どうしても作りたかったキッチンウエアたち Vol.4

o.e.c. トング

 

皆さんは料理をするときにトングを使いますか?

華麗にトングを使いこなす熊谷喜八シェフを見て、私もトングの虜に。もちろんトング以前から喜八シェフの大ファンでしたが。

それまで菜箸やフライ返しを使っていた肉の塊を焼く、トンカツを揚げる、野菜を茹でる、スパゲッティを盛り付けるなどの作業はトングに切り替えました。

使い始めると2本の菜箸をつかむより手早く、ターナーより細かい作業が容易ではありませんか! トンカツなどはしっかりつかめ、安全に油から取り出ししっかり油をきることができるようになりました。

ただ使い続けるうちに殆どのトングはバネが強く、握っているのが辛くなります。

こんなに便利な調理道具なのに、握力の強い男性はともかく女性には使いこなせない。だから家庭でトングを利用する人が少ないのでは。

女性にも負担なく握れ、素材を傷つけることなくしっかりつかめ、スパゲッティが1本でも湯から取り出せるという繊細な作業も可能なトングが欲しい。この欲望がo.e.c.トングの開発の始まりでした。


 

まずは握りの強さ。これはほとんどの場合不必要なほど開くトングのせいではないか。どれくらいの開きなら作業に支障がないかをいろいろな食材とシチュエーションで検証しました。

結果、思うほど大きく開く必要はないという事が判明。それに合わせてバネの力を軽減することができました。

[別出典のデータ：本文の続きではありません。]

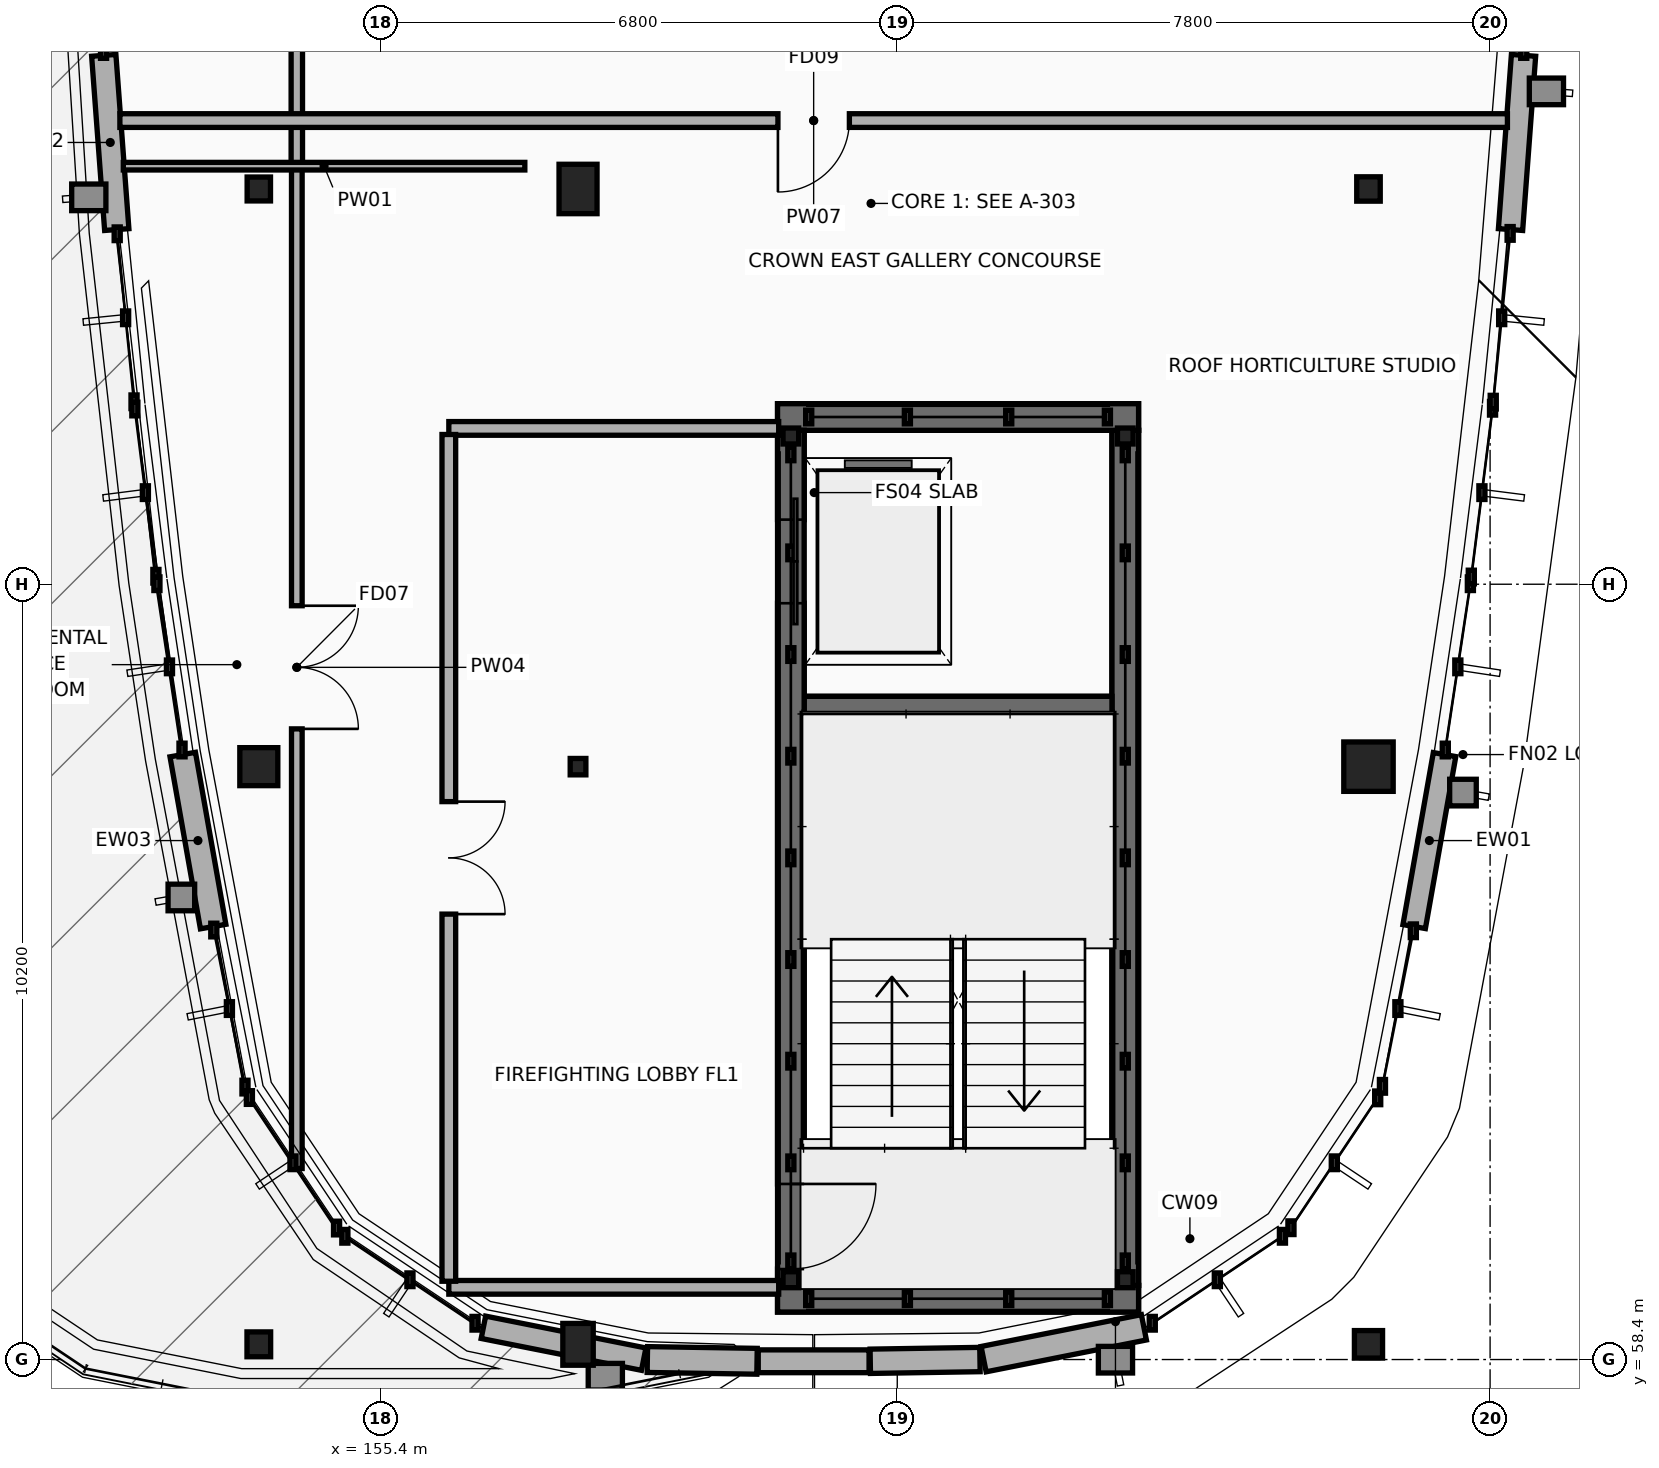
"""IFC4 building model, lengths in metres.
Left out: names, types, materials, properties, quantities, classifications, styles, units other than length and angle.
Written with IfcOpenShell. Run it as: python <this file> out.ifc"""

import sys

from ifc_helpers import new_model, si_unit, direction, frame, frame_2d, origin, origin_2d, place, context, subcontext, project, spatial, rectangle, i_section, extrude, element, fill, save


model = new_model("IFC4")
c1 = context("Model", 3, precision=1e-05, world=origin(), true_north=direction((0.0, 1.0)))
c2 = subcontext(c1, "Body", "Model", "MODEL_VIEW")
j1 = project(units=[si_unit("LENGTHUNIT", "METRE"), si_unit("PLANEANGLEUNIT", "RADIAN")], contexts=[c1])
p1 = place(None, origin())
s1 = spatial("IfcSite", under=j1, at=p1, CompositionType="ELEMENT")
p2 = place(p1, origin())
s2 = spatial("IfcBuilding", under=s1, at=p2, CompositionType="ELEMENT")
p3 = place(p2, frame((0.0, 0.0, 19.8)))
s3 = spatial("IfcBuildingStorey", under=s2, at=p3, CompositionType="ELEMENT", Elevation=19.8)
p4 = place(p3, frame((160.625, 59.2, 0.0), z_axis=(0.0, 0.0, 1.0), x_axis=(1.0, 0.0, 0.0)))
e1 = element("IfcWall", 1, at=p4, inside=s3, PredefinedType="SHEAR", context=c2, shape_type="SweptSolid", body=[
    extrude(rectangle(XDim=4.75, YDim=0.35, at=frame_2d((2.375, 0.0))), origin(), (0.0, 0.0, 1.0), 3.6),
])
p5 = place(p3, frame((165.2, 59.375, 0.0), z_axis=(0.0, 0.0, 1.0), x_axis=(0.0, 1.0, 0.0)))
e2 = element("IfcWall", 2, at=p5, inside=s3, PredefinedType="SHEAR", context=c2, shape_type="SweptSolid", body=[
    extrude(rectangle(XDim=11.25, YDim=0.35, at=frame_2d((5.625, 0.0))), origin(), (0.0, 0.0, 1.0), 3.6),
])
p6 = place(p3, frame((165.375, 70.8, 0.0), z_axis=(0.0, 0.0, 1.0), x_axis=(-1.0, 0.0, 0.0)))
e3 = element("IfcWall", 3, at=p6, inside=s3, PredefinedType="SHEAR", context=c2, shape_type="SweptSolid", body=[
    extrude(rectangle(XDim=4.75, YDim=0.35, at=frame_2d((2.375, 0.0))), origin(), (0.0, 0.0, 1.0), 3.6),
])
p7 = place(p3, frame((160.8, 70.625, 0.0), z_axis=(0.0, 0.0, 1.0), x_axis=(0.0, -1.0, 0.0)))
e4 = element("IfcWall", 4, at=p7, inside=s3, PredefinedType="SHEAR", context=c2, shape_type="SweptSolid", body=[
    extrude(rectangle(XDim=11.25, YDim=0.35, at=frame_2d((5.625, 0.0))), origin(), (0.0, 0.0, 1.0), 3.6),
])
p8 = place(p7, frame((1.175, 0.0, 0.0)))
e5 = element("IfcOpeningElement", 5, at=p8, cuts=e4, PredefinedType="OPENING", context=c2, shape_type="SweptSolid", body=[
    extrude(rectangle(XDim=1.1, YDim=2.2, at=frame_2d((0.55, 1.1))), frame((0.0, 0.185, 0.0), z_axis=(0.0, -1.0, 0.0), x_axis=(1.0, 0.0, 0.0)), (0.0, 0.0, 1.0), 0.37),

これは万が一トングのストッパーが外れて開いても、道具の入っている引き出しの中でもひどい行儀にはならずにすみます。



 次に食材をつかむ部分の形状。スパゲッティ専用のものはしっかりつかめるように鍬手のようになっているものもありますが、これで

は肉や魚、柔らかいものなどを傷つけてしまい適しません。

さらにはスパゲッティの茹で加減を見るのに湯から1本を取り出すことも想定しました。この繊細な作業を可能にするため先端の合わせ部分にも工夫をしました。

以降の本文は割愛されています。